段落の役割問題でよくある選択肢のひっかけパターン

「具体例を挙げている」と「主張を述べている」の混同

具体例が豊富に書かれている段落は、内容が濃く見えるため「主張段落」と誤解されがちです。しかし具体例はあくまで「根拠・説明段落」の特徴です。その段落に筆者自身の判断・提案・意見が含まれているかどうかで判断しましょう。

「前の内容を受けている」と「まとめている」の混同

転換段落も前の段落を受けた書き出しになるため、まとめ段落と混同されやすいです。見分けるポイントは「新しい話題・視点が持ち込まれているか」です。新しい要素があれば転換、既出の内容を整理しているだけならまとめと判断します。

まとめ――段落は「役割の地図」として読もう

段落の役割を意識して読むことで、長い文章でも「どこが重要か」が素早くわかるようになります。5種類の役割を整理しておきましょう。

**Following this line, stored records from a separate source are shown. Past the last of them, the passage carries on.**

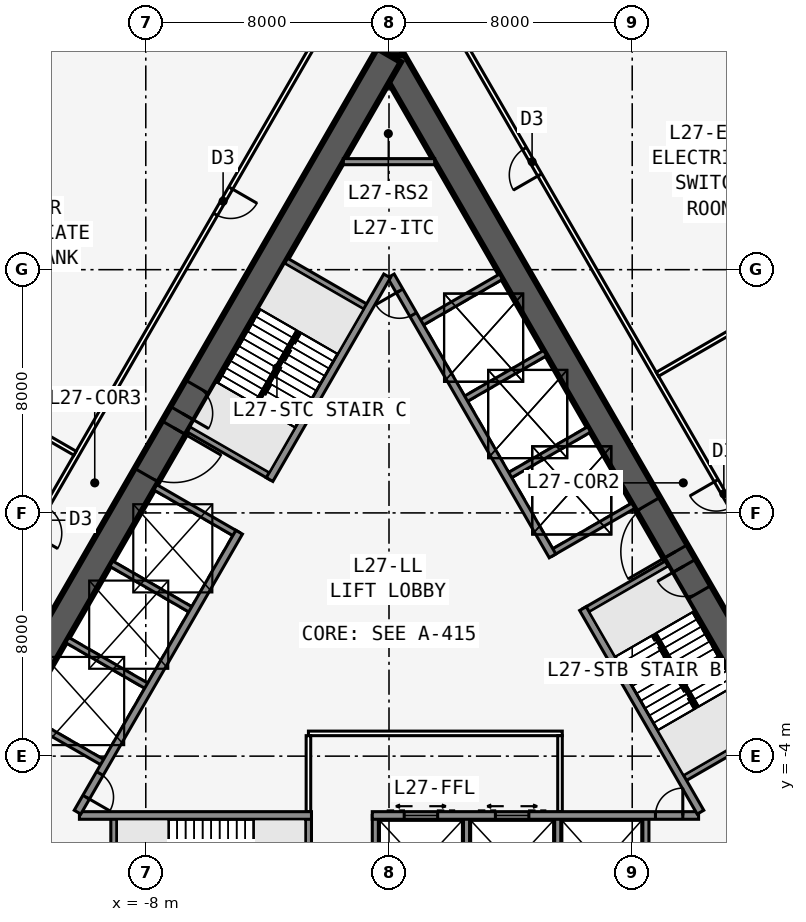
"""IFC4 building model, lengths in metres.
Left out: names, types, materials, properties, quantities, classifications, styles, units other than length and angle.
Written with IfcOpenShell. Run it as: python <this file> out.ifc"""

import sys

from ifc_helpers import new_model, si_unit, direction, frame, frame_2d, origin, place, context, subcontext, project, spatial, rectangle, extrude, element, fill, save


model = new_model("IFC4")
c1 = context("Model", 3, precision=1e-05, world=origin(), true_north=direction((0.0, 1.0)))
c2 = subcontext(c1, "Body", "Model", "MODEL_VIEW")
j1 = project(units=[si_unit("LENGTHUNIT", "METRE"), si_unit("PLANEANGLEUNIT", "RADIAN")], contexts=[c1])
p1 = place(None, origin())
s1 = spatial("IfcSite", under=j1, at=p1, CompositionType="ELEMENT")
p2 = place(p1, origin())
s2 = spatial("IfcBuilding", under=s1, at=p2, CompositionType="ELEMENT")
p3 = place(p2, frame((0.0, 0.0, 103.3)))
s3 = spatial("IfcBuildingStorey", under=s2, at=p3, CompositionType="ELEMENT", Elevation=103.3)
p4 = place(p3, frame((-10.183, -5.951, 0.0), z_axis=(0.0, 0.0, 1.0), x_axis=(1.0, 0.0, 0.0)))
e1 = element("IfcWall", 1, at=p4, inside=s3, PredefinedType="SOLIDWALL", context=c2, shape_type="SweptSolid", body=[
    extrude(rectangle(XDim=7.633, YDim=0.25, at=frame_2d((3.816, 0.0))), origin(), (0.0, 0.0, 1.0), 6.15),
])
p5 = place(p3, frame((-0.55, -5.951, 0.0), z_axis=(0.0, 0.0, 1.0), x_axis=(1.0, 0.0, 0.0)))
e2 = element("IfcWall", 2, at=p5, inside=s3, PredefinedType="SOLIDWALL", context=c2, shape_type="SweptSolid", body=[
    extrude(rectangle(XDim=10.733, YDim=0.25, at=frame_2d((5.366, 0.0))), origin(), (0.0, 0.0, 1.0), 6.15),
])
p6 = place(p5, frame((9.314, 0.0, 0.0)))
e3 = element("IfcOpeningElement", 3, at=p6, cuts=e2, PredefinedType="OPENING", context=c2, shape_type="SweptSolid", body=[
    extrude(rectangle(XDim=0.9, YDim=2.13, at=frame_2d((0.45, 1.065))), frame((0.0, 0.135, 0.0), z_axis=(0.0, -1.0, 0.0), x_axis=(1.0, 0.0, 0.0)), (0.0, 0.0, 1.0), 0.27),
])
p7 = place(p5, frame((1.05, 0.0, 0.0)))
e4 = element("IfcOpeningElement", 4, at=p7, cuts=e2, PredefinedType="OPENING", context=c2, shape_type="SweptSolid", body=[
    extrude(rectangle(XDim=1.1, YDim=2.13, at=frame_2d((0.55, 1.065))), frame((0.0, 0.135, 0.0), z_axis=(0.0, -1.0, 0.0), x_axis=(1.0, 0.0, 0.0)), (0.0, 0.0, 1.0), 0.27),
])
p8 = place(p5, frame((4.05, 0.0, 0.0)))
e5 = element("IfcOpeningElement", 5, at=p8, cuts=e2, PredefinedType="OPENING", context=c2, shape_type="SweptSolid", body=[
    extrude(rectangle(XDim=1.1, YDim=2.13, at=frame_2d((0.55, 1.065))), frame((0.0, 0.135, 0.0), z_axis=(0.0, -1.0, 0.0), x_axis=(1.0, 0.0, 0.0)), (0.0, 0.0, 1.0), 0.27),
])
p9 = place(p3, frame((-9.05, -5.951, 0.0), z_axis=(0.0, 0.0, 1.0), x_axis=(0.0, -1.0, 0.0)))
e6 = element("IfcWall", 6, at=p9, inside=s3, PredefinedType="SOLIDWALL", context=c2, shape_type="SweptSolid", body=[
    extrude(rectangle(XDim=3.125, YDim=0.2, at=frame_2d((1.562, 0.0))), origin(), (0.0, 0.0, 1.0), 6.15),
])
p10 = place(p3, frame((-2.65, -5.951, 0.0), z_axis=(0.0, 0.0, 1.0), x_axis=(0.0, -1.0, 0.0)))
e7 = element("IfcWall", 7, at=p10, inside=s3, PredefinedType="SOLIDWALL", context=c2, shape_type="SweptSolid", body=[
    extrude(rectangle(XDim=3.125, YDim=0.2, at=frame_2d((1.562, 0.0))), origin(), (0.0, 0.0, 1.0), 6.15),
])
p11 = place(p10, frame((1.525, 0.0, 0.0)))
e8 = element("IfcOpeningElement", 8, at=p11, cuts=e7, PredefinedType="OPENING", context=c2, shape_type="SweptSolid", body=[
    extrude(rectangle(XDim=1.0, YDim=2.13, at=frame_2d((0.5, 1.065))), frame((0.0, 0.11, 0.0), z_axis=(0.0, -1.0, 0.0), x_axis=(1.0, 0.0, 0.0)), (0.0, 0.0, 1.0), 0.22),
])
for number, where, z_axis, x_axis in (
    (9, (-0.45, -5.951, 0.0), (0.0, 0.0, 1.0), (0.0, -1.0, 0.0)),
    (10, (2.55, -5.951, 0.0), (0.0, 0.0, 1.0), (0.0, -1.0, 0.0)),
    (11, (5.55, -5.951, 0.0), (0.0, 0.0, 1.0), (0.0, -1.0, 0.0)),
    (12, (8.45, -5.951, 0.0), (0.0, 0.0, 1.0), (0.0, -1.0, 0.0)),
):
    element("IfcWall", number, at=place(p3, frame(where, z_axis=z_axis, x_axis=x_axis)), inside=s3, PredefinedType="SOLIDWALL", context=c2, shape_type="SweptSolid", body=[
        extrude(rectangle(XDim=3.125, YDim=0.2, at=frame_2d((1.562, 0.0))), origin(), (0.0, 0.0, 1.0), 6.15),
    ])
p12 = place(p3, frame((16.5, -9.526, 0.0), z_axis=(0.0, 0.0, 1.0), x_axis=(-0.499999749417, 0.866025548458, 0.0)))
e13 = element("IfcWall", 13, at=p12, inside=s3, PredefinedType="SHEAR", context=c2, shape_type="SweptSolid", body=[
    extrude(rectangle(XDim=33.0, YDim=0.9, at=frame_2d((16.5, 0.0))), origin(), (0.0, 0.0, 1.0), 6.4),
])
p13 = place(p12, frame((14.15, 0.0, 0.0)))
e14 = element("IfcOpeningElement", 14, at=p13, cuts=e13, PredefinedType="OPENING", context=c2, shape_type="SweptSolid", body=[
    extrude(rectangle(XDim=1.8, YDim=2.13, at=frame_2d((0.9, 1.065))), frame((0.0, 0.46, 0.0), z_axis=(0.0, -1.0, 0.0), x_axis=(1.0, 0.0, 0.0)), (0.0, 0.0, 1.0), 0.92),
])
p14 = place(p12, frame((12.6, 0.0, 0.0)))
e15 = element("IfcOpeningElement", 15, at=p14, cuts=e13, PredefinedType="OPENING", context=c2, shape_type="SweptSolid", body=[
    extrude(rectangle(XDim=1.0, YDim=2.13, at=frame_2d((0.5, 1.065))), frame((0.0, 0.46, 0.0), z_axis=(0.0, -1.0, 0.0), x_axis=(1.0, 0.0, 0.0)), (0.0, 0.0, 1.0), 0.92),
])
p15 = place(p3, frame((10.245, -5.843, 0.0), z_axis=(0.0, 0.0, 1.0), x_axis=(-0.499993009313, 0.866029439822, 0.0)))
e16 = element("IfcWall", 16, at=p15, inside=s3, PredefinedType="SOLIDWALL", context=c2, shape_type="SweptSolid", body=[
    extrude(rectangle(XDim=7.733, YDim=0.25, at=frame_2d((3.866, 0.0))), origin(), (0.0, 0.0, 1.0), 6.15),
])
p16 = place(p3, frame((5.379, 2.586, 0.0), z_axis=(0.0, 0.0, 1.0), x_axis=(-0.500001375892, 0.866024609411, 0.0)))
e17 = element("IfcWall", 17, at=p16, inside=s3, PredefinedType="SOLIDWALL", context=c2, shape_type="SweptSolid", body=[
    extrude(rectangle(XDim=10.633, YDim=0.25, at=frame_2d((5.316, 0.0))), origin(), (0.0, 0.0, 1.0), 6.15),
])
p17 = place(p16, frame((9.164, 0.0, 0.0)))
e18 = element("IfcOpeningElement", 18, at=p17, cuts=e17, PredefinedType="OPENING", context=c2, shape_type="SweptSolid", body=[
    extrude(rectangle(XDim=0.9, YDim=2.13, at=frame_2d((0.45, 1.065))), frame((0.0, 0.135, 0.0), z_axis=(0.0, -1.0, 0.0), x_axis=(1.0, 0.0, 0.0)), (0.0, 0.0, 1.0), 0.27),
])
for number, where, z_axis, x_axis in (
    (19, (9.629, -4.775, 0.0), (0.0, 0.0, 1.0), (0.866, 0.5, 0.0)),
    (20, (6.429, 0.767, 0.0), (0.0, 0.0, 1.0), (0.866, 0.5, 0.0)),
    (21, (5.329, 2.673, 0.0), (0.0, 0.0, 1.0), (0.866, 0.5, 0.0)),
    (22, (3.879, 5.184, 0.0), (0.0, 0.0, 1.0), (0.866, 0.5, 0.0)),
    (23, (2.429, 7.696, 0.0), (0.0, 0.0, 1.0), (0.866, 0.5, 0.0)),
    (24, (0.979, 10.207, 0.0), (0.0, 0.0, 1.0), (0.866, 0.5, 0.0)),
):
    element("IfcWall", number, at=place(p3, frame(where, z_axis=z_axis, x_axis=x_axis)), inside=s3, PredefinedType="SOLIDWALL", context=c2, shape_type="SweptSolid", body=[
        extrude(rectangle(XDim=3.125, YDim=0.2, at=frame_2d((1.562, 0.0))), origin(), (0.0, 0.0, 1.0), 6.15),
    ])
p18 = place(p3, frame((0.0, 19.052, 0.0), z_axis=(0.0, 0.0, 1.0), x_axis=(-0.499999749417, -0.866025548458, 0.0)))
e25 = element("IfcWall", 25, at=p18, inside=s3, PredefinedType="SHEAR", context=c2, shape_type="SweptSolid", body=[
    extrude(rectangle(XDim=33.0, YDim=0.9, at=frame_2d((16.5, 0.0))), origin(), (0.0, 0.0, 1.0), 6.4),
])
p19 = place(p18, frame((14.15, 0.0, 0.0)))
e26 = element("IfcOpeningElement", 26, at=p19, cuts=e25, PredefinedType="OPENING", context=c2, shape_type="SweptSolid", body=[
    extrude(rectangle(XDim=1.8, YDim=2.13, at=frame_2d((0.9, 1.065))), frame((0.0, 0.46, 0.0), z_axis=(0.0, -1.0, 0.0), x_axis=(1.0, 0.0, 0.0)), (0.0, 0.0, 1.0), 0.92),
])
p20 = place(p18, frame((12.6, 0.0, 0.0)))
e27 = element("IfcOpeningElement", 27, at=p20, cuts=e25, PredefinedType="OPENING", context=c2, shape_type="SweptSolid", body=[
    extrude(rectangle(XDim=1.0, YDim=2.13, at=frame_2d((0.5, 1.065))), frame((0.0, 0.46, 0.0), z_axis=(0.0, -1.0, 0.0), x_axis=(1.0, 0.0, 0.0)), (0.0, 0.0, 1.0), 0.92),
])
p21 = place(p3, frame((-0.062, 11.794, 0.0), z_axis=(0.0, 0.0, 1.0), x_axis=(-0.500006680225, -0.86602154692, 0.0)))
e28 = element("IfcWall", 28, at=p21, inside=s3, PredefinedType="SOLIDWALL", context=c2, shape_type="SweptSolid", body=[
    extrude(rectangle(XDim=7.733, YDim=0.25, at=frame_2d((3.866, 0.0))), origin(), (0.0, 0.0, 1.0), 6.15),
])
p22 = place(p3, frame((-4.929, 3.365, 0.0), z_axis=(0.0, 0.0, 1.0), x_axis=(-0.499991433582, -0.866030349552, 0.0)))
e29 = element("IfcWall", 29, at=p22, inside=s3, PredefinedType="SOLIDWALL", context=c2, shape_type="SweptSolid", body=[
    extrude(rectangle(XDim=10.633, YDim=0.25, at=frame_2d((5.316, 0.0))), origin(), (0.0, 0.0, 1.0), 6.15),
])
p23 = place(p22, frame((9.164, 0.0, 0.0)))
e30 = element("IfcOpeningElement", 30, at=p23, cuts=e29, PredefinedType="OPENING", context=c2, shape_type="SweptSolid", body=[
    extrude(rectangle(XDim=0.9, YDim=2.13, at=frame_2d((0.45, 1.065))), frame((0.0, 0.135, 0.0), z_axis=(0.0, -1.0, 0.0), x_axis=(1.0, 0.0, 0.0)), (0.0, 0.0, 1.0), 0.27),
])
for number, where, z_axis, x_axis in (
    (31, (-0.679, 10.727, 0.0), (0.0, 0.0, 1.0), (-0.866, 0.5, 0.0)),
    (32, (-3.879, 5.184, 0.0), (0.0, 0.0, 1.0), (-0.866, 0.5, 0.0)),
    (33, (-4.979, 3.279, 0.0), (0.0, 0.0, 1.0), (-0.866, 0.5, 0.0)),
    (34, (-6.429, 0.767, 0.0), (0.0, 0.0, 1.0), (-0.866, 0.5, 0.0)),
    (35, (-7.879, -1.744, 0.0), (0.0, 0.0, 1.0), (-0.866, 0.5, 0.0)),
    (36, (-9.329, -4.256, 0.0), (0.0, 0.0, 1.0), (-0.866, 0.5, 0.0)),
):
    element("IfcWall", number, at=place(p3, frame(where, z_axis=z_axis, x_axis=x_axis)), inside=s3, PredefinedType="SOLIDWALL", context=c2, shape_type="SweptSolid", body=[
        extrude(rectangle(XDim=3.125, YDim=0.2, at=frame_2d((1.562, 0.0))), origin(), (0.0, 0.0, 1.0), 6.15),
    ])
p24 = place(p3, frame((0.0, 19.052, 0.0), z_axis=(0.0, 0.0, 1.0), x_axis=(0.0, 1.0, 0.0)))
e37 = element("IfcWall", 37, at=p24, inside=s3, PredefinedType="SHEAR", context=c2, shape_type="SweptSolid", body=[
    extrude(rectangle(XDim=4.746, YDim=0.9, at=frame_2d((2.373, 0.0))), origin(), (0.0, 0.0, 1.0), 6.4),
])
p25 = place(p24, frame((1.8, 0.0, 0.0)))
e38 = element("IfcOpeningElement", 38, at=p25, cuts=e37, PredefinedType="OPENING", context=c2, shape_type="SweptSolid", body=[
    extrude(rectangle(XDim=1.8, YDim=2.13, at=frame_2d((0.9, 1.065))), frame((0.0, 0.46, 0.0), z_axis=(0.0, -1.0, 0.0), x_axis=(1.0, 0.0, 0.0)), (0.0, 0.0, 1.0), 0.92),
])
p26 = place(p3, frame((20.027, -10.985, 0.0), z_axis=(0.0, 0.0, 1.0), x_axis=(-0.500001677587, 0.866024435227, 0.0)))
e39 = element("IfcWall", 39, at=p26, inside=s3, PredefinedType="PARTITIONING", context=c2, shape_type="SweptSolid", body=[
    extrude(rectangle(XDim=39.054, YDim=0.15, at=frame_2d((19.527, 0.0))), origin(), (0.0, 0.0, 1.0), 6.15),
])
p27 = place(p26, frame((6.414, 0.0, 0.0)))
e40 = element("IfcOpeningElement", 40, at=p27, cuts=e39, PredefinedType="OPENING", context=c2, shape_type="SweptSolid", body=[
    extrude(rectangle(XDim=1.0, YDim=2.13, at=frame_2d((0.5, 1.065))), frame((0.0, 0.085, 0.0), z_axis=(0.0, -1.0, 0.0), x_axis=(1.0, 0.0, 0.0)), (0.0, 0.0, 1.0), 0.17),
])
p28 = place(p26, frame((17.527, 0.0, 0.0)))
e41 = element("IfcOpeningElement", 41, at=p28, cuts=e39, PredefinedType="OPENING", context=c2, shape_type="SweptSolid", body=[
    extrude(rectangle(XDim=1.0, YDim=2.13, at=frame_2d((0.5, 1.065))), frame((0.0, 0.085, 0.0), z_axis=(0.0, -1.0, 0.0), x_axis=(1.0, 0.0, 0.0)), (0.0, 0.0, 1.0), 0.17),
])
p29 = place(p26, frame((30.14, 0.0, 0.0)))
e42 = element("IfcOpeningElement", 42, at=p29, cuts=e39, PredefinedType="OPENING", context=c2, shape_type="SweptSolid", body=[
    extrude(rectangle(XDim=1.0, YDim=2.13, at=frame_2d((0.5, 1.065))), frame((0.0, 0.085, 0.0), z_axis=(0.0, -1.0, 0.0), x_axis=(1.0, 0.0, 0.0)), (0.0, 0.0, 1.0), 0.17),
])
p30 = place(p3, frame((8.829, 8.561, 0.0), z_axis=(0.0, 0.0, 1.0), x_axis=(0.86602100491, 0.500007618997, 0.0)))
e43 = element("IfcWall", 43, at=p30, inside=s3, PredefinedType="PARTITIONING", context=c2, shape_type="SweptSolid", body=[
    extrude(rectangle(XDim=10.005, YDim=0.15, at=frame_2d((5.002, 0.0))), origin(), (0.0, 0.0, 1.0), 6.15),
])
p31 = place(p3, frame((-0.5, 22.836, 0.0), z_axis=(0.0, 0.0, 1.0), x_axis=(-0.500001677587, -0.866024435227, 0.0)))
e44 = element("IfcWall", 44, at=p31, inside=s3, PredefinedType="PARTITIONING", context=c2, shape_type="SweptSolid", body=[
    extrude(rectangle(XDim=39.054, YDim=0.15, at=frame_2d((19.527, 0.0))), origin(), (0.0, 0.0, 1.0), 6.15),
])
p32 = place(p31, frame((9.414, 0.0, 0.0)))
e45 = element("IfcOpeningElement", 45, at=p32, cuts=e44, PredefinedType="OPENING", context=c2, shape_type="SweptSolid", body=[
    extrude(rectangle(XDim=1.0, YDim=2.13, at=frame_2d((0.5, 1.065))), frame((0.0, 0.085, 0.0), z_axis=(0.0, -1.0, 0.0), x_axis=(1.0, 0.0, 0.0)), (0.0, 0.0, 1.0), 0.17),
])
p33 = place(p31, frame((21.527, 0.0, 0.0)))
e46 = element("IfcOpeningElement", 46, at=p33, cuts=e44, PredefinedType="OPENING", context=c2, shape_type="SweptSolid", body=[
    extrude(rectangle(XDim=1.0, YDim=2.13, at=frame_2d((0.5, 1.065))), frame((0.0, 0.085, 0.0), z_axis=(0.0, -1.0, 0.0), x_axis=(1.0, 0.0, 0.0)), (0.0, 0.0, 1.0), 0.17),
])
p34 = place(p31, frame((31.14, 0.0, 0.0)))
e47 = element("IfcOpeningElement", 47, at=p34, cuts=e44, PredefinedType="OPENING", context=c2, shape_type="SweptSolid", body=[
    extrude(rectangle(XDim=1.0, YDim=2.13, at=frame_2d((0.5, 1.065))), frame((0.0, 0.085, 0.0), z_axis=(0.0, -1.0, 0.0), x_axis=(1.0, 0.0, 0.0)), (0.0, 0.0, 1.0), 0.17),
])
p35 = place(p3, frame((-10.329, 5.963, 0.0), z_axis=(0.0, 0.0, 1.0), x_axis=(-0.866021688545, 0.500006434927, 0.0)))
e48 = element("IfcWall", 48, at=p35, inside=s3, PredefinedType="PARTITIONING", context=c2, shape_type="SweptSolid", body=[
    extrude(rectangle(XDim=10.096, YDim=0.15, at=frame_2d((5.048, 0.0))), origin(), (0.0, 0.0, 1.0), 5.109),
])
p36 = place(p3, frame((-2.65, -3.251, 0.0), z_axis=(0.0, 0.0, 1.0), x_axis=(1.0, 0.0, 0.0)))
e49 = element("IfcWall", 49, at=p36, inside=s3, PredefinedType="PARTITIONING", context=c2, shape_type="SweptSolid", body=[
    extrude(rectangle(XDim=8.35, YDim=0.15, at=frame_2d((4.175, 0.0))), origin(), (0.0, 0.0, 1.0), 6.15),
])
for number, where, z_axis, x_axis in (
    (50, (-2.65, -5.826, 0.0), (0.0, 0.0, 1.0), (0.0, 1.0, 0.0)),
    (51, (5.625, -5.826, 0.0), (0.0, 0.0, 1.0), (0.0, 1.0, 0.0)),
):
    element("IfcWall", number, at=place(p3, frame(where, z_axis=z_axis, x_axis=x_axis)), inside=s3, PredefinedType="PARTITIONING", context=c2, shape_type="SweptSolid", body=[
        extrude(rectangle(XDim=2.5, YDim=0.15, at=frame_2d((1.25, 0.0))), origin(), (0.0, 0.0, 1.0), 6.15),
    ])
p37 = place(p3, frame((-1.501, 15.552, 0.0), z_axis=(0.0, 0.0, 1.0), x_axis=(1.0, 0.0, 0.0)))
e52 = element("IfcWall", 52, at=p37, inside=s3, PredefinedType="SOLIDWALL", context=c2, shape_type="SweptSolid", body=[
    extrude(rectangle(XDim=3.002, YDim=0.2, at=frame_2d((1.501, 0.0))), origin(), (0.0, 0.0, 1.0), 6.15),
])
for number, where, z_axis, x_axis in (
    (53, (10.135, -2.401, 0.0), (0.0, 0.0, 1.0), (-0.5, 0.866, 0.0)),
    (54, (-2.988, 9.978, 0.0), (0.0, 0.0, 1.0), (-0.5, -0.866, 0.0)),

  • 話題提示段落:テーマや問いを示す。主張の答えはここにない
  • 根拠・説明段落:理由・データ・具体例を提示する。理由問題の答えはここ
  • 転換段落:話の方向を切り替える。短めで橋渡し的な内容
  • 主張段落:筆者のオリジナルな意見・提案が書かれている。逆接マーカーの後や文章の最初・最後に多い
  • まとめ・結論段落:全体を締めくくる。「このように・つまり」で始まることが多い

段落の役割が読めると、文章全体の「設計図」が見えてきます。今日から教科書や問題集を読むとき、各段落の冒頭に役割をメモする練習を始めてみてください。はじめは時間がかかっても、練習を重ねるうちに段落の役割が瞬時に見えるようになります。それが、国語の読解を「勘の科目」から「技術の科目」に変える一歩です。